次のいずれかを選択し、構成済みのセッションの数をイニシエータノードで変更してすべてのターゲットに適用するか、ターゲットレベルで変更して特定のターゲットに適用します。
ターゲットのセッション数は 1 から 4 の間である必要があります。
iSCSI イニシエータノードにパラメータを適用します。
次に例を示します。
initiator# iscsiadm modify initiator-node -c 2 |
iSCSI ターゲットにパラメータを適用します。
次に例を示します。
initiator# iscsiadm modify target-param -c 2 iqn.1992-08.com.abcstorage:sn.84186266 |
構成済みセッションを 1 つ以上のローカル IP アドレスにバインドします。
構成済みのセッションは、特定のローカル IP アドレスにバインドすることもできます。この方法を使用する場合は、コンマ区切りのリストで 1 つ以上のローカル IP アドレスを指定します。各 IP アドレスは iSCSI セッションを表します。この方法は、イニシエータノードまたはターゲットパラメータのレベルでも実行できます。次に例を示します。

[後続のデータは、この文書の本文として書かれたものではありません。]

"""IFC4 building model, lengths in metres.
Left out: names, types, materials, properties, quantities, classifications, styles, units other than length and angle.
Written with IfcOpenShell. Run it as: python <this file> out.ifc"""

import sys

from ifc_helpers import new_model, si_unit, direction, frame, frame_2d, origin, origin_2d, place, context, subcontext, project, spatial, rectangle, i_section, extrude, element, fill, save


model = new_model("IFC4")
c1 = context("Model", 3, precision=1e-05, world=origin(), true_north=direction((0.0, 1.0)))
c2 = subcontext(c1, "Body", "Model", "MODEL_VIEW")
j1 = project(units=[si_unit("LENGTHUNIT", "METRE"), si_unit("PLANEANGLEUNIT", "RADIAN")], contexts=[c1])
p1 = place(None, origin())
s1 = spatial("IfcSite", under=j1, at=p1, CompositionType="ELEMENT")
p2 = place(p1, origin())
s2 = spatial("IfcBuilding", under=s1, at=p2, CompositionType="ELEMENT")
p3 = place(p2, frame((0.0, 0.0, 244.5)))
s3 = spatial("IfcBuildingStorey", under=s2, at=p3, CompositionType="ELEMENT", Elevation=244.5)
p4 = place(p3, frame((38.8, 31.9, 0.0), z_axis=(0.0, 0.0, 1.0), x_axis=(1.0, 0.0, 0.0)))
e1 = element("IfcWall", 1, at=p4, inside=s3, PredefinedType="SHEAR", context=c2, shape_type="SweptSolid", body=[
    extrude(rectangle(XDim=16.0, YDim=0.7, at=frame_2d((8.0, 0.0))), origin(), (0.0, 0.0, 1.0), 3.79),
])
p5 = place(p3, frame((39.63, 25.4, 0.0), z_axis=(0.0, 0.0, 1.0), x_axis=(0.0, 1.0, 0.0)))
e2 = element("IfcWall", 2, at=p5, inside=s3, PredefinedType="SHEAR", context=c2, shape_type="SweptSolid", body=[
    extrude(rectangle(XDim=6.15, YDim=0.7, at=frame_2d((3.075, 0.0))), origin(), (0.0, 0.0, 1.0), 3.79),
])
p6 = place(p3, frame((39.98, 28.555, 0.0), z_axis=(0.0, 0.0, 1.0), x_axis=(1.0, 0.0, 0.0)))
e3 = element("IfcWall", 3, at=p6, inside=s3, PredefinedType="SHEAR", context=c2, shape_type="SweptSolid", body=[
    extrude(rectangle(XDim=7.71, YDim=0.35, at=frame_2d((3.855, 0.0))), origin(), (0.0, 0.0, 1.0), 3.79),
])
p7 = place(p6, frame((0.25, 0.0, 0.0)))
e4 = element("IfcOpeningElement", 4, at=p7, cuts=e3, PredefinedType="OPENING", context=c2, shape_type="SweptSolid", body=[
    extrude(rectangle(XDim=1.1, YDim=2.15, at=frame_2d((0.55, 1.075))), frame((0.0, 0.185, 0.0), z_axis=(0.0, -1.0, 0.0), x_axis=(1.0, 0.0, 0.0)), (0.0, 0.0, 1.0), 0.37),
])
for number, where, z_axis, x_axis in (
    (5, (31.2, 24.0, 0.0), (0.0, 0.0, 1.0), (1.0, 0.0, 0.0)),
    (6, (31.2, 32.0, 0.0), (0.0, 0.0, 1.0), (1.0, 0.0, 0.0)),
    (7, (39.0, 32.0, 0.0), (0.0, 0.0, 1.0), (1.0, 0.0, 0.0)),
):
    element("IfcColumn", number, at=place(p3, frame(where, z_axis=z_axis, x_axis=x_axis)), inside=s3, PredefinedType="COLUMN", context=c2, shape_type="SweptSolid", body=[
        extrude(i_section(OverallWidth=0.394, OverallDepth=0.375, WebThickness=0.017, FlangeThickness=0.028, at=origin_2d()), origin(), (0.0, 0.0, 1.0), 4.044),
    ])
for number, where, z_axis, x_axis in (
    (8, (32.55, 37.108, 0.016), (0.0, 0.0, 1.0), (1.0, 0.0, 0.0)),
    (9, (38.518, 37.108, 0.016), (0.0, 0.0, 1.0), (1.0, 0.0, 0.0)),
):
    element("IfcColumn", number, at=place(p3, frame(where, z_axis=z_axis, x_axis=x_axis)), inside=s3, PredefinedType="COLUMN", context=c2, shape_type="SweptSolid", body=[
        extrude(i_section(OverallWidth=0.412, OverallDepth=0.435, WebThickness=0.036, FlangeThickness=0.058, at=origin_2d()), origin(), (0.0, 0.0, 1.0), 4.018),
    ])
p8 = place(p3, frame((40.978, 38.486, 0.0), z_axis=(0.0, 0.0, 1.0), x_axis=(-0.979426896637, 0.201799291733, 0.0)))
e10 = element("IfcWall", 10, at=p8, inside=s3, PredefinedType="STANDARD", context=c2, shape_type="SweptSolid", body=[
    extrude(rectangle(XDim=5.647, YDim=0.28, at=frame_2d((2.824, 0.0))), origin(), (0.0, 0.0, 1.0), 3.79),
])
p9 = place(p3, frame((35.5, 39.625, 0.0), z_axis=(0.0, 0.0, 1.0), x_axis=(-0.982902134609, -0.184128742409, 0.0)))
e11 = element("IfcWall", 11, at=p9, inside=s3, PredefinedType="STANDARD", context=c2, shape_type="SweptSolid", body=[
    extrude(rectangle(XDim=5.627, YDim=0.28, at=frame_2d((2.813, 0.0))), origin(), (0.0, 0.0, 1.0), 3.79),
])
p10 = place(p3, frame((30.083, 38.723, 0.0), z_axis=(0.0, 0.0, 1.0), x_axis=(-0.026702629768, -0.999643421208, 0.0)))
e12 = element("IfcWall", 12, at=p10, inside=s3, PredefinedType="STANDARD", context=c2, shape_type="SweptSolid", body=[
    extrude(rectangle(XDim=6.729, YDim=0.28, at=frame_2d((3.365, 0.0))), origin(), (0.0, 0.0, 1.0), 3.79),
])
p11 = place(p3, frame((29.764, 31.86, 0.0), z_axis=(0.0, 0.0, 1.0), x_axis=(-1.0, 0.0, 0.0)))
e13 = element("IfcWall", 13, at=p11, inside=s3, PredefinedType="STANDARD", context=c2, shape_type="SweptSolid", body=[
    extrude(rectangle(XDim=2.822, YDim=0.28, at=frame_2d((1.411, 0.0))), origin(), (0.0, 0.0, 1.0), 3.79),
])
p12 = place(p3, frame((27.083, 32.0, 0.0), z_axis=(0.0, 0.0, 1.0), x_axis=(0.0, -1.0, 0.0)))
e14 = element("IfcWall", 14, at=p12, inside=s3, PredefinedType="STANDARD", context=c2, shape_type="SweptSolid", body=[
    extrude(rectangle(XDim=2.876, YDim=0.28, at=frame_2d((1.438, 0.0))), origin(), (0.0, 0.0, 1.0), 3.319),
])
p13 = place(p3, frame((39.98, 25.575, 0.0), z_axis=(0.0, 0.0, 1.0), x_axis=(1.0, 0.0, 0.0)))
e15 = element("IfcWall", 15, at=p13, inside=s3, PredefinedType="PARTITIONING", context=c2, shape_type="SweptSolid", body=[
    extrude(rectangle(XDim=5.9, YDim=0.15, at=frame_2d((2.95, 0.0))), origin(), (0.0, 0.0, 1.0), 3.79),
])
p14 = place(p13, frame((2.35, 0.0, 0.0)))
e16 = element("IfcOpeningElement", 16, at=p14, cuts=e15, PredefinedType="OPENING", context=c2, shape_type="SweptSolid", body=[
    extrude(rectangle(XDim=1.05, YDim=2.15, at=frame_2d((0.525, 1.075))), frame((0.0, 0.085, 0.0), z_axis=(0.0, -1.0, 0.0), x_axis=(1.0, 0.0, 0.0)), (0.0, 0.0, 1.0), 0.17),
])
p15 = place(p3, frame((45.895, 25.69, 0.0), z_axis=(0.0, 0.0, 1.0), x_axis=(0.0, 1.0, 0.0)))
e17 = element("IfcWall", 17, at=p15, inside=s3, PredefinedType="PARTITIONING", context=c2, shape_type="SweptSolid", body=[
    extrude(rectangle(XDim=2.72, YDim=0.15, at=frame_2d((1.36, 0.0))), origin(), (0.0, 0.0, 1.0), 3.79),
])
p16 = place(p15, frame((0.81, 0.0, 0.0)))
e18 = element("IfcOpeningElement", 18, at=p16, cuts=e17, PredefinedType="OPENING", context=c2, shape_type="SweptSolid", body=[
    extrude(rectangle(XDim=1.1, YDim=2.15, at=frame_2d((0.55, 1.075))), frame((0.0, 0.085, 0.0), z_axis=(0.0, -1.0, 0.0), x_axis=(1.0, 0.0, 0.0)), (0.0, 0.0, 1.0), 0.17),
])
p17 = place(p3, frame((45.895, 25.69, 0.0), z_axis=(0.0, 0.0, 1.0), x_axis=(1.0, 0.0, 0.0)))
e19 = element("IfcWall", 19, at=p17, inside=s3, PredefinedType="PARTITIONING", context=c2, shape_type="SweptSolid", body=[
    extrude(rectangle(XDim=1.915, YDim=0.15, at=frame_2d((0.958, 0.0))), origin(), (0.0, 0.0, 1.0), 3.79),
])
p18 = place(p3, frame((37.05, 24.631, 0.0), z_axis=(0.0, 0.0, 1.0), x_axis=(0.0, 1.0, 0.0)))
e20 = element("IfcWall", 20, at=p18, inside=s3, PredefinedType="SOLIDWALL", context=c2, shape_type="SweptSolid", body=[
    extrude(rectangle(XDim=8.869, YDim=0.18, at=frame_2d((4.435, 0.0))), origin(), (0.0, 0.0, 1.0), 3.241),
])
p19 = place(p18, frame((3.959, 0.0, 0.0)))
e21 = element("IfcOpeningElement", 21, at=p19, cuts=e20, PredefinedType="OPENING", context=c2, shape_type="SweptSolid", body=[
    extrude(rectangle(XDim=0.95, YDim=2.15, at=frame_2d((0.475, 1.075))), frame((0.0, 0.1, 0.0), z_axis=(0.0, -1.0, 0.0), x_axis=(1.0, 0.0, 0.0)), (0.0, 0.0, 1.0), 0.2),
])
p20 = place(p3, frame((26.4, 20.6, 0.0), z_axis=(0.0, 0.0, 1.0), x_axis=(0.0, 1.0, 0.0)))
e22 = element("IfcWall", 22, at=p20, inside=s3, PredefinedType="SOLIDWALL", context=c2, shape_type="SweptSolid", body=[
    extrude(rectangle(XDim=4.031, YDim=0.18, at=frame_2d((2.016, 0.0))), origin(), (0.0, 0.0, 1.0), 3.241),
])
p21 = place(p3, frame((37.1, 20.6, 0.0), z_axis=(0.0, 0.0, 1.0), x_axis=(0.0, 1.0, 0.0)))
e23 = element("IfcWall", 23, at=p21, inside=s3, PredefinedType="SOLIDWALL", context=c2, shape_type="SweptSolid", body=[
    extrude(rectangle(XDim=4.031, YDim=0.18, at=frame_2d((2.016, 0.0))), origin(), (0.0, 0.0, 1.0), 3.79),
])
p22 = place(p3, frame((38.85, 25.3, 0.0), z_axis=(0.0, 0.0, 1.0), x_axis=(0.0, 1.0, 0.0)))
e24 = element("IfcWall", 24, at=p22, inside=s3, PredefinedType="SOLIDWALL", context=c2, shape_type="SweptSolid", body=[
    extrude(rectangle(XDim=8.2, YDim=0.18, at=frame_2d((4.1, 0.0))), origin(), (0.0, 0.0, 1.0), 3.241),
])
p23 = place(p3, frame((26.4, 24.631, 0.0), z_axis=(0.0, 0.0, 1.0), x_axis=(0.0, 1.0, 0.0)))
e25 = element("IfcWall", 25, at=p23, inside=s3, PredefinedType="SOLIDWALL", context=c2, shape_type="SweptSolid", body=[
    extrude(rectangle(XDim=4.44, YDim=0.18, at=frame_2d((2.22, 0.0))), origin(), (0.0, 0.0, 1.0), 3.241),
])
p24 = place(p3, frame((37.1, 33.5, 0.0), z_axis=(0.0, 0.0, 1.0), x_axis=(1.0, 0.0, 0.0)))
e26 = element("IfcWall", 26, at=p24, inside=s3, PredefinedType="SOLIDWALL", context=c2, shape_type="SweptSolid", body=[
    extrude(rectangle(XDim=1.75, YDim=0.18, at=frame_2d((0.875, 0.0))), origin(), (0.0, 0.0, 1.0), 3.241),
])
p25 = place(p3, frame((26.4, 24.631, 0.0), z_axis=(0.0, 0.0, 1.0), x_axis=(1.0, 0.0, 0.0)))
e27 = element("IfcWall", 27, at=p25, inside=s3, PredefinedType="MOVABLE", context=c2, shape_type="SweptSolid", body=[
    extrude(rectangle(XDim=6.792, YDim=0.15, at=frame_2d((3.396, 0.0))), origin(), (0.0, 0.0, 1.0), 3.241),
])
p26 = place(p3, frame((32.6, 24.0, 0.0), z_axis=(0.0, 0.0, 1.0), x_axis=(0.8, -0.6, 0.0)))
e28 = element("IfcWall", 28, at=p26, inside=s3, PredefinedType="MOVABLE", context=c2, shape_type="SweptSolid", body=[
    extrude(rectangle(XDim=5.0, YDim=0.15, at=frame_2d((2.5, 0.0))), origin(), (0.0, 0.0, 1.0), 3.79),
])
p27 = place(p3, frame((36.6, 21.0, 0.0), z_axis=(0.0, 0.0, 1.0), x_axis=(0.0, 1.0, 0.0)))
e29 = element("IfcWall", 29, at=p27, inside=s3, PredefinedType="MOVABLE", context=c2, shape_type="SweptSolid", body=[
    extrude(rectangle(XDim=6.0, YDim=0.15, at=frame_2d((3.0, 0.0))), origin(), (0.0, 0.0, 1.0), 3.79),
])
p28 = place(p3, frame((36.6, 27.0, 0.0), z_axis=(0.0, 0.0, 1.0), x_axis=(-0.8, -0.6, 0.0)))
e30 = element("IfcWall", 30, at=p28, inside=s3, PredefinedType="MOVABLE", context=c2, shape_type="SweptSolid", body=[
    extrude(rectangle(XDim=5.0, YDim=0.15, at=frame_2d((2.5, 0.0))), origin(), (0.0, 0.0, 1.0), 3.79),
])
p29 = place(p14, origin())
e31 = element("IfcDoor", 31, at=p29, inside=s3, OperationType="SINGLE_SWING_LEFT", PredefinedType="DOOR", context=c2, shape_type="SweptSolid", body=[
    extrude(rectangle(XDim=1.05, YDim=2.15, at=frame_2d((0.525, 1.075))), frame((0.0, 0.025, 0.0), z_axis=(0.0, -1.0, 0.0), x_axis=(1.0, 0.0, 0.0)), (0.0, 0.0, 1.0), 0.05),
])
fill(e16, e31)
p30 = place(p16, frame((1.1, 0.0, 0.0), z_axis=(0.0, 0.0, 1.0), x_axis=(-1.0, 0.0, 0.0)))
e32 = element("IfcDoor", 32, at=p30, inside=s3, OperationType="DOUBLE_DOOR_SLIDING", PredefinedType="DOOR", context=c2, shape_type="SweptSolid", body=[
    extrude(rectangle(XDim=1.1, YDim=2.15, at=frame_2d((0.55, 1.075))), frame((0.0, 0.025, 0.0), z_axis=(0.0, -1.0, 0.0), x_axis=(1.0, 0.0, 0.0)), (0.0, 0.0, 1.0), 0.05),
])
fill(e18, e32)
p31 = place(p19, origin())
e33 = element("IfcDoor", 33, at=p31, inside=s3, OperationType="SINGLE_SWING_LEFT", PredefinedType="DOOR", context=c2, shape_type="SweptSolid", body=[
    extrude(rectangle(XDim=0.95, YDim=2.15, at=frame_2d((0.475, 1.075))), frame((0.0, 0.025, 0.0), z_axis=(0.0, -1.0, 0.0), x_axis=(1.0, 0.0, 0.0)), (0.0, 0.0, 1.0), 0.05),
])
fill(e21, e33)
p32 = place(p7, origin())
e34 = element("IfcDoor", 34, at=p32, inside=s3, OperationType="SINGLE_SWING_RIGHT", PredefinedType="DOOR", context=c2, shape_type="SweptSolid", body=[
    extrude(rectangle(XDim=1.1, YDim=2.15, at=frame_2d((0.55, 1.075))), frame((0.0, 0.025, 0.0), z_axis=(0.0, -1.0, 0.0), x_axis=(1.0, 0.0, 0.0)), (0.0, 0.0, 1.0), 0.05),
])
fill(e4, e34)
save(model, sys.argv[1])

initiator# iscsiadm modify initiator-node -c 10.0.0.1,10.0.0.2 |
指定した IP アドレスがルーティング可能ではない場合、アドレスが無視され、デフォルトの Solaris ルートおよび IP アドレスがこのセッションで使用されます。
パラメータが変更されたことを確認します。
イニシエータノードの更新された情報を表示します。次に例を示します。
initiator# iscsiadm list initiator-node Initiator node name: iqn.1986-03.com.sun:01:0003ba4d233b.425c293c Initiator node alias: zzr1200 . . . Configured Sessions: 2 |
ターゲットノードの更新された情報を表示します。次に例を示します。
initiator# iscsiadm list target-param -v iqn.1992-08.com.abcstorage:sn.84186266 Target: iqn.1992-08.com.abcstorage:sn.84186266 Alias: - . . . Configured Sessions: 2 |
mpathadm list lu コマンドで複数パスを一覧表示して、OS デバイス名が iscsiadm list の出力に一致していることと、パスの数が 2 以上であることを確認します。